A supervised approach for predicting patient survival with gene expression data

Proc IEEE Int Symp Bioinformatics Bioeng. 2010;2010(5521718):26-31. doi: 10.1109/BIBE.2010.14.

Abstract

Rapid development in genomics in recent years has allowed the simultaneous measurement of the expression levels of thousands of genes using DNA microarrays. This has offered tremendous potential for growth in our understanding of the pathophysiology of many diseases. When microarray studies also contain information about an outcome variable such as time to an event or death, one of the goals of an investigator is to understand how the expression levels of genes (covariates) relate to the time-to-event (referred to as survival time) in the course of a disease.In this article, we consider the case where the number of covariates, p, exceeds the number of observations, N, a setting typical of microarray gene expression data.
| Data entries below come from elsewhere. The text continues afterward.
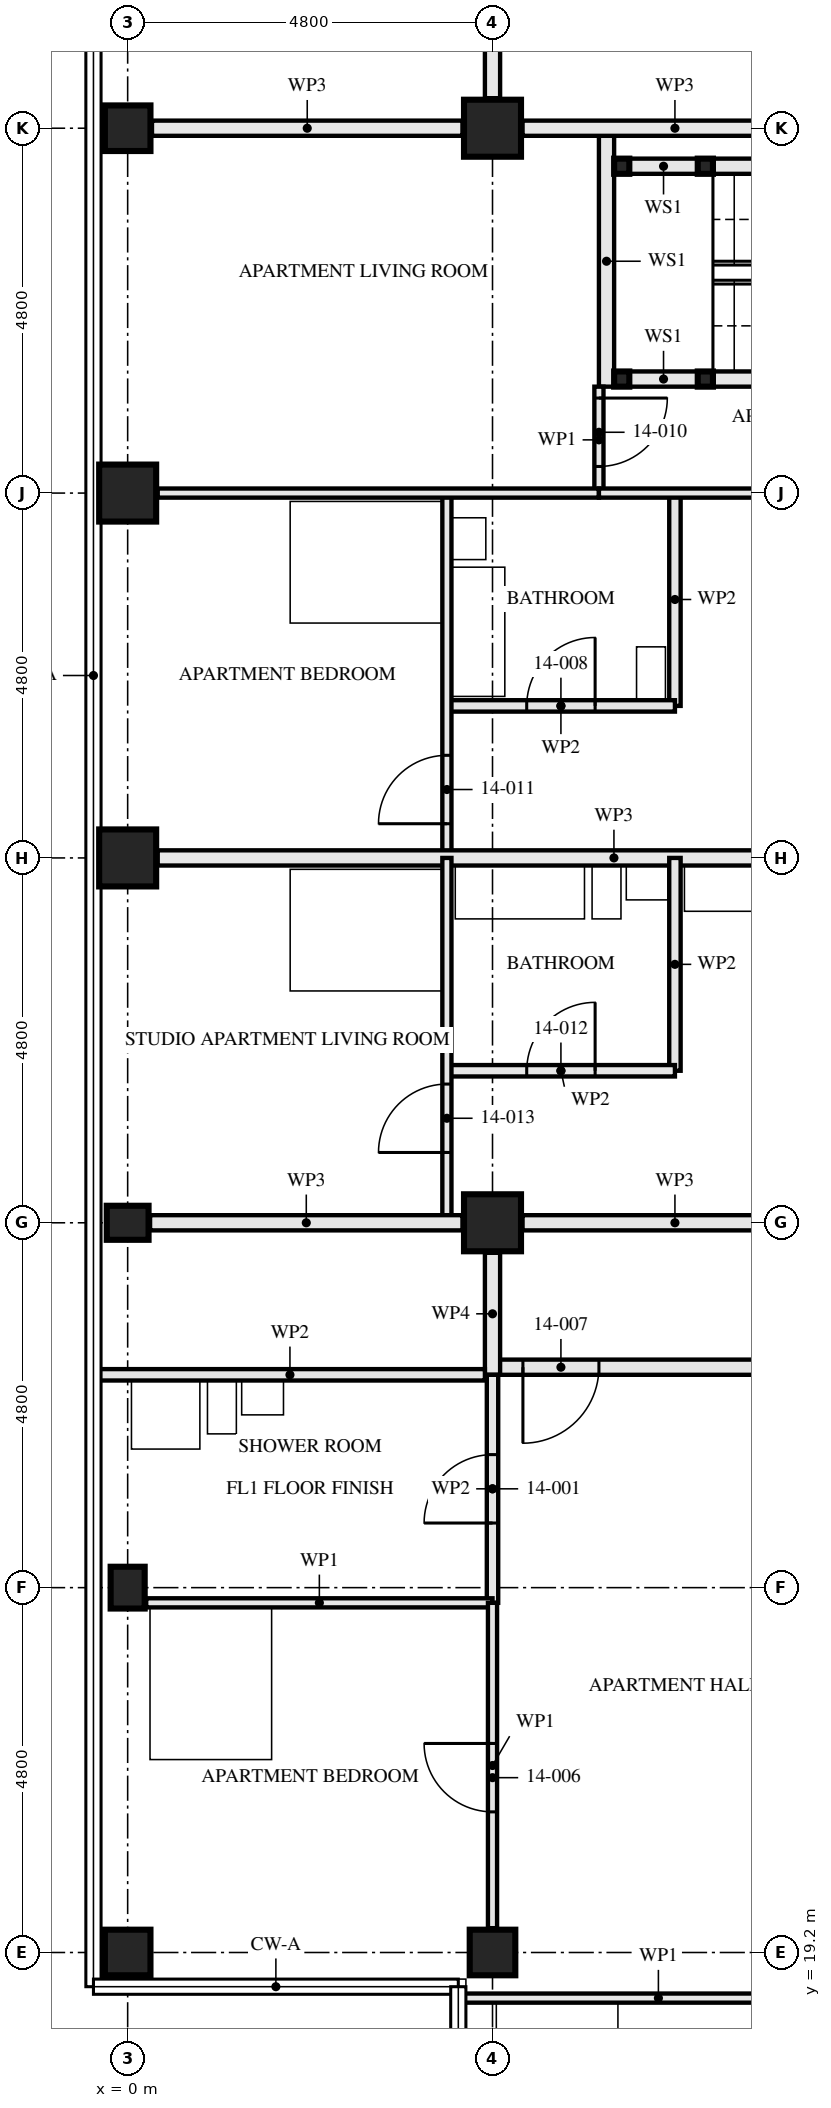
"""IFC4 building model, lengths in metres.
Left out: names, types, materials, properties, quantities, classifications, styles, units other than length and angle.
Written with IfcOpenShell. Run it as: python <this file> out.ifc"""

import sys

from ifc_helpers import new_model, si_unit, direction, frame, frame_2d, origin, origin_2d, place, context, subcontext, project, spatial, rectangle, hollow_rectangle, i_section, extrude, element, fill, save


model = new_model("IFC4")
c1 = context("Model", 3, precision=1e-05, world=origin(), true_north=direction((0.0, 1.0)))
c2 = subcontext(c1, "Body", "Model", "MODEL_VIEW")
j1 = project(units=[si_unit("LENGTHUNIT", "METRE"), si_unit("PLANEANGLEUNIT", "RADIAN")], contexts=[c1])
p1 = place(None, origin())
s1 = spatial("IfcSite", under=j1, at=p1, CompositionType="ELEMENT")
p2 = place(p1, origin())
s2 = spatial("IfcBuilding", under=s1, at=p2, CompositionType="ELEMENT")
p3 = place(p2, frame((0.0, 0.0, 55.0)))
s3 = spatial("IfcBuildingStorey", under=s2, at=p3, CompositionType="ELEMENT", Elevation=55.0)
p4 = place(p3, frame((0.0, 19.2, 0.0), z_axis=(0.0, 0.0, 1.0), x_axis=(0.0, 1.0, 0.0)))
e1 = element("IfcColumn", 1, at=p4, inside=s3, PredefinedType="COLUMN", context=c2, shape_type="SweptSolid", body=[
    extrude(hollow_rectangle(XDim=0.6, YDim=0.6, WallThickness=0.05, at=origin_2d()), origin(), (0.0, 0.0, 1.0), 3.5),
])
for number, where, z_axis, x_axis in (
    (2, (0.0, 24.0, 0.0), (0.0, 0.0, 1.0), (1.0, 0.0, 0.0)),
    (3, (0.0, 28.8, 0.0), (0.0, 0.0, 1.0), (0.0, 1.0, 0.0)),
):
    element("IfcColumn", number, at=place(p3, frame(where, z_axis=z_axis, x_axis=x_axis)), inside=s3, PredefinedType="COLUMN", context=c2, shape_type="SweptSolid", body=[
        extrude(i_section(OverallWidth=0.448, OverallDepth=0.55, WebThickness=0.072, FlangeThickness=0.115, FilletRadius=0.015, at=origin_2d()), origin(), (0.0, 0.0, 1.0), 3.5),
    ])
for number, where, z_axis, x_axis in (
    (4, (0.0, 33.6, 0.0), (0.0, 0.0, 1.0), (1.0, 0.0, 0.0)),
    (5, (0.0, 38.4, 0.0), (0.0, 0.0, 1.0), (1.0, 0.0, 0.0)),
):
    element("IfcColumn", number, at=place(p3, frame(where, z_axis=z_axis, x_axis=x_axis)), inside=s3, PredefinedType="COLUMN", context=c2, shape_type="SweptSolid", body=[
        extrude(hollow_rectangle(XDim=0.75, YDim=0.75, WallThickness=0.08, at=origin_2d()), origin(), (0.0, 0.0, 1.0), 3.5),
    ])
p5 = place(p3, frame((0.0, 43.2, 0.0), z_axis=(0.0, 0.0, 1.0), x_axis=(0.0, 1.0, 0.0)))
e6 = element("IfcColumn", 6, at=p5, inside=s3, PredefinedType="COLUMN", context=c2, shape_type="SweptSolid", body=[
    extrude(hollow_rectangle(XDim=0.6, YDim=0.6, WallThickness=0.08, at=origin_2d()), origin(), (0.0, 0.0, 1.0), 3.5),
])
p6 = place(p3, frame((4.8, 19.2, 0.0), z_axis=(0.0, 0.0, 1.0), x_axis=(0.0, 1.0, 0.0)))
e7 = element("IfcColumn", 7, at=p6, inside=s3, PredefinedType="COLUMN", context=c2, shape_type="SweptSolid", body=[
    extrude(hollow_rectangle(XDim=0.6, YDim=0.6, WallThickness=0.05, at=origin_2d()), origin(), (0.0, 0.0, 1.0), 3.5),
])
for number, where, z_axis, x_axis in (
    (8, (4.8, 28.8, 0.0), (0.0, 0.0, 1.0), (0.0, 1.0, 0.0)),
    (9, (4.8, 43.2, 0.0), (0.0, 0.0, 1.0), (0.0, 1.0, 0.0)),
):
    element("IfcColumn", number, at=place(p3, frame(where, z_axis=z_axis, x_axis=x_axis)), inside=s3, PredefinedType="COLUMN", context=c2, shape_type="SweptSolid", body=[
        extrude(hollow_rectangle(XDim=0.75, YDim=0.75, WallThickness=0.08, at=origin_2d()), origin(), (0.0, 0.0, 1.0), 3.5),
    ])
for number, where, z_axis, x_axis in (
    (10, (6.5, 42.7, 0.0), (0.0, 0.0, 1.0), (1.0, 0.0, 0.0)),
    (11, (6.5, 39.9, 0.0), (0.0, 0.0, 1.0), (1.0, 0.0, 0.0)),
    (12, (7.6, 42.7, 0.0), (0.0, 0.0, 1.0), (1.0, 0.0, 0.0)),
    (13, (7.6, 39.9, 0.0), (0.0, 0.0, 1.0), (1.0, 0.0, 0.0)),
):
    element("IfcColumn", number, at=place(p3, frame(where, z_axis=z_axis, x_axis=x_axis)), inside=s3, PredefinedType="COLUMN", context=c2, shape_type="SweptSolid", body=[
        extrude(hollow_rectangle(XDim=0.2, YDim=0.2, WallThickness=0.008, at=origin_2d()), origin(), (0.0, 0.0, 1.0), 3.33),
    ])
p7 = place(p3, frame((4.8, 23.8, 0.0), z_axis=(0.0, 0.0, 1.0), x_axis=(0.0, 1.0, 0.0)))
e14 = element("IfcWall", 14, at=p7, inside=s3, PredefinedType="PARTITIONING", context=c2, shape_type="SweptSolid", body=[
    extrude(rectangle(XDim=3.0, YDim=0.15, at=frame_2d((1.5, 0.0))), origin(), (0.0, 0.0, 1.0), 2.55),
])
p8 = place(p7, frame((1.05, 0.0, 0.0)))
e15 = element("IfcOpeningElement", 15, at=p8, cuts=e14, PredefinedType="OPENING", context=c2, shape_type="SweptSolid", body=[
    extrude(rectangle(XDim=0.9, YDim=2.1, at=frame_2d((0.45, 1.05))), frame((0.0, 0.085, 0.0), z_axis=(0.0, -1.0, 0.0), x_axis=(1.0, 0.0, 0.0)), (0.0, 0.0, 1.0), 0.171),
])
p9 = place(p3, frame((0.244, 23.8, 0.0), z_axis=(0.0, 0.0, 1.0), x_axis=(1.0, 0.0, 0.0)))
e16 = element("IfcWall", 16, at=p9, inside=s3, PredefinedType="PARTITIONING", context=c2, shape_type="SweptSolid", body=[
    extrude(rectangle(XDim=4.556, YDim=0.12, at=frame_2d((2.278, 0.0))), origin(), (0.0, 0.0, 1.0), 3.33),
])
p10 = place(p3, frame((4.365, 18.6, 0.0), z_axis=(0.0, 0.0, 1.0), x_axis=(1.0, 0.0, 0.0)))
e17 = element("IfcWall", 17, at=p10, inside=s3, PredefinedType="PARTITIONING", context=c2, shape_type="SweptSolid", body=[
    extrude(rectangle(XDim=5.235, YDim=0.12, at=frame_2d((2.618, 0.0))), origin(), (0.0, 0.0, 1.0), 2.32),
])
p11 = place(p10, frame((3.885, 0.0, 0.0)))
e18 = element("IfcOpeningElement", 18, at=p11, cuts=e17, PredefinedType="OPENING", context=c2, shape_type="SweptSolid", body=[
    extrude(rectangle(XDim=0.9, YDim=2.1, at=frame_2d((0.45, 1.05))), frame((0.0, 0.071, 0.0), z_axis=(0.0, -1.0, 0.0), x_axis=(1.0, 0.0, 0.0)), (0.0, 0.0, 1.0), 0.141),
])
p12 = place(p3, frame((4.8, 19.52, 0.0), z_axis=(0.0, 0.0, 1.0), x_axis=(0.0, 1.0, 0.0)))
e19 = element("IfcWall", 19, at=p12, inside=s3, PredefinedType="PARTITIONING", context=c2, shape_type="SweptSolid", body=[
    extrude(rectangle(XDim=4.28, YDim=0.12, at=frame_2d((2.14, 0.0))), origin(), (0.0, 0.0, 1.0), 3.33),
])
p13 = place(p12, frame((1.53, 0.0, 0.0)))
e20 = element("IfcOpeningElement", 20, at=p13, cuts=e19, PredefinedType="OPENING", context=c2, shape_type="SweptSolid", body=[
    extrude(rectangle(XDim=0.9, YDim=2.1, at=frame_2d((0.45, 1.05))), frame((0.0, 0.071, 0.0), z_axis=(0.0, -1.0, 0.0), x_axis=(1.0, 0.0, 0.0)), (0.0, 0.0, 1.0), 0.141),
])
p14 = place(p3, frame((4.8, 26.9, 0.0), z_axis=(0.0, 0.0, 1.0), x_axis=(1.0, 0.0, 0.0)))
e21 = element("IfcWall", 21, at=p14, inside=s3, PredefinedType="PARTITIONING", context=c2, shape_type="SweptSolid", body=[
    extrude(rectangle(XDim=9.6, YDim=0.2, at=frame_2d((4.8, 0.0))), origin(), (0.0, 0.0, 1.0), 3.33),
])
p15 = place(p14, frame((0.4, 0.0, 0.0)))
e22 = element("IfcOpeningElement", 22, at=p15, cuts=e21, PredefinedType="OPENING", context=c2, shape_type="SweptSolid", body=[
    extrude(rectangle(XDim=1.0, YDim=2.1, at=frame_2d((0.5, 1.05))), frame((0.0, 0.111, 0.0), z_axis=(0.0, -1.0, 0.0), x_axis=(1.0, 0.0, 0.0)), (0.0, 0.0, 1.0), 0.221),
])
p16 = place(p3, frame((4.8, 26.8, 0.0), z_axis=(0.0, 0.0, 1.0), x_axis=(0.0, 1.0, 0.0)))
e23 = element("IfcWall", 23, at=p16, inside=s3, PredefinedType="PARTITIONING", context=c2, shape_type="SweptSolid", body=[
    extrude(rectangle(XDim=1.605, YDim=0.2, at=frame_2d((0.802, 0.0))), origin(), (0.0, 0.0, 1.0), 3.33),
])
p17 = place(p3, frame((6.6, 42.7, 0.0), z_axis=(0.0, 0.0, 1.0), x_axis=(1.0, 0.0, 0.0)))
e24 = element("IfcWall", 24, at=p17, inside=s3, PredefinedType="SOLIDWALL", context=c2, shape_type="SweptSolid", body=[
    extrude(rectangle(XDim=0.9, YDim=0.2, at=frame_2d((0.45, 0.0))), origin(), (0.0, 0.0, 1.0), 2.99),
])
p18 = place(p3, frame((7.7, 42.7, 0.0), z_axis=(0.0, 0.0, 1.0), x_axis=(1.0, 0.0, 0.0)))
e25 = element("IfcWall", 25, at=p18, inside=s3, PredefinedType="SOLIDWALL", context=c2, shape_type="SweptSolid", body=[
    extrude(rectangle(XDim=4.7, YDim=0.2, at=frame_2d((2.35, 0.0))), origin(), (0.0, 0.0, 1.0), 2.99),
])
p19 = place(p3, frame((6.6, 39.9, 0.0), z_axis=(0.0, 0.0, 1.0), x_axis=(1.0, 0.0, 0.0)))
e26 = element("IfcWall", 26, at=p19, inside=s3, PredefinedType="SOLIDWALL", context=c2, shape_type="SweptSolid", body=[
    extrude(rectangle(XDim=0.9, YDim=0.2, at=frame_2d((0.45, 0.0))), origin(), (0.0, 0.0, 1.0), 2.99),
])
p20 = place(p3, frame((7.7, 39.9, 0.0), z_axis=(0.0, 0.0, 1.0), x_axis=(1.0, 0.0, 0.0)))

For a given vector of responses representing survival times of N subjects and the corresponding p × N gene expression matrix, we examine the problem of predicting the survival probability when N ≪ p. This is an ill-conditioned problem further compounded by the presence of possibly censored survival times. We propose a model that combines the partial least squares approach for dimensionality reduction with the accelerated failure time model, a widely used log-linear model for linking censored survival time to covariates. We develop parametric methods to account for censoring as well as for predicting patient survival probabilities. We illustrate the applicability of our methods using cancer microarray data and explore the biological relevance of our results using pathway analysis. Finally, we evaluate the performance of our methods using extensive simulation studies.